The objective is to present a conceptual framework that describes community literacy, its alignment with health literacy, and its relationship to concepts of community engaged healthcare.
Community literacy aims to integrate community knowledge, skills and resources into the design, delivery and adaptation of healthcare policies, and services at regional and local levels, with the provision of primary, secondary, and tertiary healthcare that aligns to individual community contexts. A set of principles is proposed to support the development of community literacy. Three levels of community literacy education for health personnel have been described that align with those applied to health literacy for consumers. It is proposed that community literacy education can facilitate transformational community engagement. Skills acquired by health personnel from senior executives to frontline clinical staff, can also lead to enhanced opportunities to promote health literacy for individuals.

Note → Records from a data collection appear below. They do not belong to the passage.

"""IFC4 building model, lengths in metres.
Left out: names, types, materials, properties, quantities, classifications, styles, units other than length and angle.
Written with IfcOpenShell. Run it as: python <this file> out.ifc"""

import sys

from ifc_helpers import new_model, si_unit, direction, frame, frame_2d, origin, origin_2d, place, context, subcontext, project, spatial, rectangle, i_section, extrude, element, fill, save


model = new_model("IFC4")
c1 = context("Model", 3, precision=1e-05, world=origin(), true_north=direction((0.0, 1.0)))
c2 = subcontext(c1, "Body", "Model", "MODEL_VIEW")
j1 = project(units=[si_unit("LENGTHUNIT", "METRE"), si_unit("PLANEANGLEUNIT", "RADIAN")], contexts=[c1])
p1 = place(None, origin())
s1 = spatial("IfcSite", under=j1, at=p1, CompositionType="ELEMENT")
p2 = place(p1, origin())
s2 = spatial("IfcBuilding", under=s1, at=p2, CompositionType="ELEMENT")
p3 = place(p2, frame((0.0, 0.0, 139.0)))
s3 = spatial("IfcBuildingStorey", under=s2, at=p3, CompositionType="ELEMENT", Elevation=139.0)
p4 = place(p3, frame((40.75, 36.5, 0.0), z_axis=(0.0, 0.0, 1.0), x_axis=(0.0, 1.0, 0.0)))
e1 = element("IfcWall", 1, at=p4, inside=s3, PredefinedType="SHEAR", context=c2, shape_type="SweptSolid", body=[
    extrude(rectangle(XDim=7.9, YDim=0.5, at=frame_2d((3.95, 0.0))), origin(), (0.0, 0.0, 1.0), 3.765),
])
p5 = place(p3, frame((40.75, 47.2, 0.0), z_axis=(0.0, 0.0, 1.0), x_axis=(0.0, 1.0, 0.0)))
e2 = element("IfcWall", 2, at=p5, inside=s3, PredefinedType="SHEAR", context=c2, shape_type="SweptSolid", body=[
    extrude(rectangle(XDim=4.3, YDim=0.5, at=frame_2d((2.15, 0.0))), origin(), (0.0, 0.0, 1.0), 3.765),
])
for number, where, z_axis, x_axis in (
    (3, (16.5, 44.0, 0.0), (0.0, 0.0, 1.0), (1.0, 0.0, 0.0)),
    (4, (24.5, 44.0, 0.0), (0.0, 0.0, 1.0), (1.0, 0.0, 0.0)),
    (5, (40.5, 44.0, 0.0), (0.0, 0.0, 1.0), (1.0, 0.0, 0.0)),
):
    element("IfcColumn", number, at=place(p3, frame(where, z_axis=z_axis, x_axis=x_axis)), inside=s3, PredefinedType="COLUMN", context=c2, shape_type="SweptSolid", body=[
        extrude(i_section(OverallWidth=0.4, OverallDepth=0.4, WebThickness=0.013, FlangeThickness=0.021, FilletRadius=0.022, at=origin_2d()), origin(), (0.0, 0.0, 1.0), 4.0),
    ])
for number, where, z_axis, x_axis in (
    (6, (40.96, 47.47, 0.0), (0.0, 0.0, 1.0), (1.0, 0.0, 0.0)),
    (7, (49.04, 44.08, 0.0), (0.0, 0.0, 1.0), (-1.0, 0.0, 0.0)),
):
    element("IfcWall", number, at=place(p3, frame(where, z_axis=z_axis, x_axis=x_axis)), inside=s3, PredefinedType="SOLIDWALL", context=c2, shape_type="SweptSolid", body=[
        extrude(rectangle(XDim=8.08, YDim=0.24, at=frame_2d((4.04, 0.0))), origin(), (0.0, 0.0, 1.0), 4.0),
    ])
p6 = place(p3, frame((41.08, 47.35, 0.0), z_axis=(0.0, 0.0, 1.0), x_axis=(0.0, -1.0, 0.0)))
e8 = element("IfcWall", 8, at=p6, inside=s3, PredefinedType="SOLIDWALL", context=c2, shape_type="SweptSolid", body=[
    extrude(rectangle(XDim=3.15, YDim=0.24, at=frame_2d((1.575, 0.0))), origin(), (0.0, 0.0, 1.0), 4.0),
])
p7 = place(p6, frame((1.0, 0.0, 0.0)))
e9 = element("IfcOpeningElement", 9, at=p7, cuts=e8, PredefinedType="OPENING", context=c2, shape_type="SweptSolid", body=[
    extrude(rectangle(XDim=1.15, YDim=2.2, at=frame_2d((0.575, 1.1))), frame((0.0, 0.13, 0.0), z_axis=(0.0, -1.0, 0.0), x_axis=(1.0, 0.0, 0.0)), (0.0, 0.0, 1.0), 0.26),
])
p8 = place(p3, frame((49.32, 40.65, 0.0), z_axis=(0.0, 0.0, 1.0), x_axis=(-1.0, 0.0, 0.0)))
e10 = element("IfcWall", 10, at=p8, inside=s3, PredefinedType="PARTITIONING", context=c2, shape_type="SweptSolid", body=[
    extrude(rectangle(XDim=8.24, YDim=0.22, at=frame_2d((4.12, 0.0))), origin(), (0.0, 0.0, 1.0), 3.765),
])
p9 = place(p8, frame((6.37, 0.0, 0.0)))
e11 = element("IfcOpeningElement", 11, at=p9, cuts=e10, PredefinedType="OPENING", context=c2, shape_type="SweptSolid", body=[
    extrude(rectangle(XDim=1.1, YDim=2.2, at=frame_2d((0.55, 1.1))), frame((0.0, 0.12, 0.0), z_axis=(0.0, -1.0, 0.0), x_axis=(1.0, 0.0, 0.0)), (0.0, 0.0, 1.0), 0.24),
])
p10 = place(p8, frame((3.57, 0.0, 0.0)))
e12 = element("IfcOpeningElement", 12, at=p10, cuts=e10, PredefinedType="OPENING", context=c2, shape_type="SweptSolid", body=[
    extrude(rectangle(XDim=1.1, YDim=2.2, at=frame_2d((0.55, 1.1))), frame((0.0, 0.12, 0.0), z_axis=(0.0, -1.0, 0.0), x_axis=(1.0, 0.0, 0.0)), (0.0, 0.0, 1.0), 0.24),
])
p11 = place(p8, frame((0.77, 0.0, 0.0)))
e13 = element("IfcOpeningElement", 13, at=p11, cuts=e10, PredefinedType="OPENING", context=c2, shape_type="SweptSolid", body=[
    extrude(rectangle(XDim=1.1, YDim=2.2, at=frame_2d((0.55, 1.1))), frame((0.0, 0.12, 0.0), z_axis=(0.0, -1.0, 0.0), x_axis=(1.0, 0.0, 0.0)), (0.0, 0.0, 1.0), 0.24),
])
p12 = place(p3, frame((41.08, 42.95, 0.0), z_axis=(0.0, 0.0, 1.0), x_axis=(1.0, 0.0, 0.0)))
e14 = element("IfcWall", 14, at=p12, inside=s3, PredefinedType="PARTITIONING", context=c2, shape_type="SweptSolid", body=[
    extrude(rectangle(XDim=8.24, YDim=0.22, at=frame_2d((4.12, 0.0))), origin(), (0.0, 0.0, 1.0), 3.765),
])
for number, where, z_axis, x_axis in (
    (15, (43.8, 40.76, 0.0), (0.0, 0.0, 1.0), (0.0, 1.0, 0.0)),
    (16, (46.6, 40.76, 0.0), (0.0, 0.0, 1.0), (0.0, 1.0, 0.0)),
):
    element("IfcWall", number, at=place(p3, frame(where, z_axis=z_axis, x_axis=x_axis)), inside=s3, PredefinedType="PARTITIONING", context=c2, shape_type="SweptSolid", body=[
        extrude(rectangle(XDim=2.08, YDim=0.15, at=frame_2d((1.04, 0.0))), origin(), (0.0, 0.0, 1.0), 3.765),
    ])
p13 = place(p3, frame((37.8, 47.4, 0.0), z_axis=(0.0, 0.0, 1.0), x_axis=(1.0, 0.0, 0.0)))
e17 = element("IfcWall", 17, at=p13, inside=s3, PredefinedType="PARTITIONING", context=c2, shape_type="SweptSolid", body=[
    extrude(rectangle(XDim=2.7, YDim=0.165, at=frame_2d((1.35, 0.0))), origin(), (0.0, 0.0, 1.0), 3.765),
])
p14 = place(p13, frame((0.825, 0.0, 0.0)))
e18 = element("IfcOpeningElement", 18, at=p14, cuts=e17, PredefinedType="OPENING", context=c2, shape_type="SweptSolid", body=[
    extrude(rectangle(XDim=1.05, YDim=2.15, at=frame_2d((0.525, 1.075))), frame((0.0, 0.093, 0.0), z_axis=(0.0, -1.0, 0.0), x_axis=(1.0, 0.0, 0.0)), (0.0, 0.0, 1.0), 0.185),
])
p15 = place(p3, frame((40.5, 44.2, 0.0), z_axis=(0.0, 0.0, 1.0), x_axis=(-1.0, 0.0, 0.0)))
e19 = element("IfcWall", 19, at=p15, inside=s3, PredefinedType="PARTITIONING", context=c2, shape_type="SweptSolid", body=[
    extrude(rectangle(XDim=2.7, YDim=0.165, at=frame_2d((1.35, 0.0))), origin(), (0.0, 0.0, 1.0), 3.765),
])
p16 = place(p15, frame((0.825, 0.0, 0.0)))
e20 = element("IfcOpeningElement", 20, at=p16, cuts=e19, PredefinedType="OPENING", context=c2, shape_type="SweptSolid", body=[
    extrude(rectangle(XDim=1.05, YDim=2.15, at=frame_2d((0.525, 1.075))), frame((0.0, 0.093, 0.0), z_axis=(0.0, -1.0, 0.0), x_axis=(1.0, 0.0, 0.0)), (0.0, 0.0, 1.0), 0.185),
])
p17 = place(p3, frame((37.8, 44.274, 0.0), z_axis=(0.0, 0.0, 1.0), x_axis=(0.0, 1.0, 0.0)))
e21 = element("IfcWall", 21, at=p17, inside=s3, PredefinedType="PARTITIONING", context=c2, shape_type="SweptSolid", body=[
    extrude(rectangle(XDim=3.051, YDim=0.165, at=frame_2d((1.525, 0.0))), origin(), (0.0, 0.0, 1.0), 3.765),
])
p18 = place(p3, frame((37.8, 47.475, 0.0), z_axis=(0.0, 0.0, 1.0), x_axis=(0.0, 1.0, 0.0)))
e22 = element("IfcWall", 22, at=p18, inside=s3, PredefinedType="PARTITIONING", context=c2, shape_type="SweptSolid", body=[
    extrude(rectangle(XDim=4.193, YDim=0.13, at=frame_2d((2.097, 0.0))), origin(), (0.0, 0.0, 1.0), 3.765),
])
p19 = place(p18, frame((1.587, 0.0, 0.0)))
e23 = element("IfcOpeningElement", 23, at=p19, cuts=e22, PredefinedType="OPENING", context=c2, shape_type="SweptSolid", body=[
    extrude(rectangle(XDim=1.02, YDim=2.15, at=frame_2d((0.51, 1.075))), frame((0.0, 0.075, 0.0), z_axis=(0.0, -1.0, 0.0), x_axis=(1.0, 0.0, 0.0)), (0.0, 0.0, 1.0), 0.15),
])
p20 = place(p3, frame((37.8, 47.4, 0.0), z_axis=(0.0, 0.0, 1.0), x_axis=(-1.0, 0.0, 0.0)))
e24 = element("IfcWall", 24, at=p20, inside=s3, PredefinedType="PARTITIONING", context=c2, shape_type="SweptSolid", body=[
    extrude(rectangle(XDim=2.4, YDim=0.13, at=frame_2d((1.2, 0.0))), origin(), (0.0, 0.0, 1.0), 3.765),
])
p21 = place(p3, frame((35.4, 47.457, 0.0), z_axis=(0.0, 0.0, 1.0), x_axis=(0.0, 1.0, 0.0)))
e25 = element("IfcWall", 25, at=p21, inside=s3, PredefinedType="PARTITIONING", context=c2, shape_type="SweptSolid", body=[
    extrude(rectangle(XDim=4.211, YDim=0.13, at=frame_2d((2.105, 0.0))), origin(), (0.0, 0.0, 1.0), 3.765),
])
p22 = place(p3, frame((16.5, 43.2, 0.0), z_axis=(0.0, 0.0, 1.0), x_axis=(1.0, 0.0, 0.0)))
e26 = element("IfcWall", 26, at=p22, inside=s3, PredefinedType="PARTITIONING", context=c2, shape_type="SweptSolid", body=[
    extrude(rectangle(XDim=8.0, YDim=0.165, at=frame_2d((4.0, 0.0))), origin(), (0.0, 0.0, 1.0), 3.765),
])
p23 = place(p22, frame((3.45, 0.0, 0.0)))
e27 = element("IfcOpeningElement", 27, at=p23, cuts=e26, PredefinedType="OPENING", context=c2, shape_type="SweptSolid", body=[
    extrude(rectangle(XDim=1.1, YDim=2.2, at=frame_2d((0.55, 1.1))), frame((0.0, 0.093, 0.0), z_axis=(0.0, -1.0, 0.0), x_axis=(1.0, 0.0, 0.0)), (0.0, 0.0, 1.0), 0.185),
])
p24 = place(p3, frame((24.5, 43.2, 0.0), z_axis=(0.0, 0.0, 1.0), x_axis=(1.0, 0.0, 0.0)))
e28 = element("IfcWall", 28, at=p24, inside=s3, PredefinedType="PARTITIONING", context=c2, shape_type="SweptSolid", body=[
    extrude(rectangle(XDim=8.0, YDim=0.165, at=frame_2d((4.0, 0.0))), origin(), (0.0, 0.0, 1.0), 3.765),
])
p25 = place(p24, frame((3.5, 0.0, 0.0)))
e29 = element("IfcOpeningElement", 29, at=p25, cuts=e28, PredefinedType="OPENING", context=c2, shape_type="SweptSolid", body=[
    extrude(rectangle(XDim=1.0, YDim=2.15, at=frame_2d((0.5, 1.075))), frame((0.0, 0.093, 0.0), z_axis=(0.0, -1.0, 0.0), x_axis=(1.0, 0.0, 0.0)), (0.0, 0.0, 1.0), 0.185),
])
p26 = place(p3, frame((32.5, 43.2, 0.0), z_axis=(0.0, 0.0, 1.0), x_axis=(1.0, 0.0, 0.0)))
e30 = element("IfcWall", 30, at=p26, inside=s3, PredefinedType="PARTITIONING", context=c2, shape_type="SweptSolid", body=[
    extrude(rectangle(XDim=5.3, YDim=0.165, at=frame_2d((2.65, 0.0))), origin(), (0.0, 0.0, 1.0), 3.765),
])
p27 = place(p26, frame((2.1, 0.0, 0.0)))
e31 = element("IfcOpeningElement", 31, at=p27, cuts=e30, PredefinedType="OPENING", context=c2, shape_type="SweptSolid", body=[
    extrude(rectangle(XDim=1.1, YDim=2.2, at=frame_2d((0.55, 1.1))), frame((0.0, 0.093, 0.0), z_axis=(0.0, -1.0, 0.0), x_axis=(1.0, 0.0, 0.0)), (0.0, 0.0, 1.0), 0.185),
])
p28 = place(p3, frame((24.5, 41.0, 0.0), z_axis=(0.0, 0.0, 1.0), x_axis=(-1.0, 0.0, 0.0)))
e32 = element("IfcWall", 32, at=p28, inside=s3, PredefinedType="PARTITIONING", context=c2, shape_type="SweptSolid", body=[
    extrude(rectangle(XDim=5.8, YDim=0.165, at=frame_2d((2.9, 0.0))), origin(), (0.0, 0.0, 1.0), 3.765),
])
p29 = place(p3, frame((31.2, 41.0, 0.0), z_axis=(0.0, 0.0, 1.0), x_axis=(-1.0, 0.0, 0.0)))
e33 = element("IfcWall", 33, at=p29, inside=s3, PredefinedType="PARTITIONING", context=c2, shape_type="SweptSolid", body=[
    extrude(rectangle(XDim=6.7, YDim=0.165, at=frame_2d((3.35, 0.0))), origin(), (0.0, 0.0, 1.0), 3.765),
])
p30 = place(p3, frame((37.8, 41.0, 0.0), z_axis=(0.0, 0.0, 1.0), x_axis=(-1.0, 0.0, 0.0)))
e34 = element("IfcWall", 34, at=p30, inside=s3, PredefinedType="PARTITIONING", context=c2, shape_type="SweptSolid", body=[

The integration of health and community literacy provides a holistic framework that has the potential to effectively respond to the diversity of rural and remote Australian communities and their healthcare needs and expectations. Further research is required to develop, validate, and evaluate the three levels of community literacy education and alignment to health policy, prior to promoting its uptake more widely.
尽管澳大利亚卫生当局投入了大量资金来改善农村和偏远社区的健康状况,但农村居民仍然面临着医疗保健获取方面的挑战和较差的健康结果。健康素养和社区参与都被认为是解决这些健康不平等问题的关键。然而,目前对健康素养的关注可能会给弱势群体社区的个人带来不必要的医疗保健责任负担,而没有充分考虑到更广泛的社区需求和医疗保健期望。这也可能使社区团结和动员在改善医疗保健方面的影响力边缘化。
本研究旨在提出一个概念框架,描述社区素养,及其与健康素养的一致性,以及与社区参与式医疗保健概念的关系。
社区素养旨在将社区知识、技能和资源整合到医疗保健政策和服务的设计、提供和调整中,以在区域和地方层面提供初级、二级和三级医疗保健,使其与各个社区的背景相适应。提出了一套原则来支持社区素养的发展。描述了针对卫生人员的三个层次的社区素养教育,这些教育与针对消费者的健康素养教育相一致。有人提出,社区素养教育可以促进变革性的社区参与。从高级管理人员到一线临床工作人员的卫生人员所获得的技能,也可以为个人促进健康素养提供更多机会。
将健康素养和社区素养相结合提供了一个整体框架,有可能有效地应对澳大利亚农村和偏远社区及其医疗保健需求和期望的多样性。在更广泛地推广之前,需要进一步研究、验证和评估这三个层次的社区素养教育及其与卫生政策的一致性。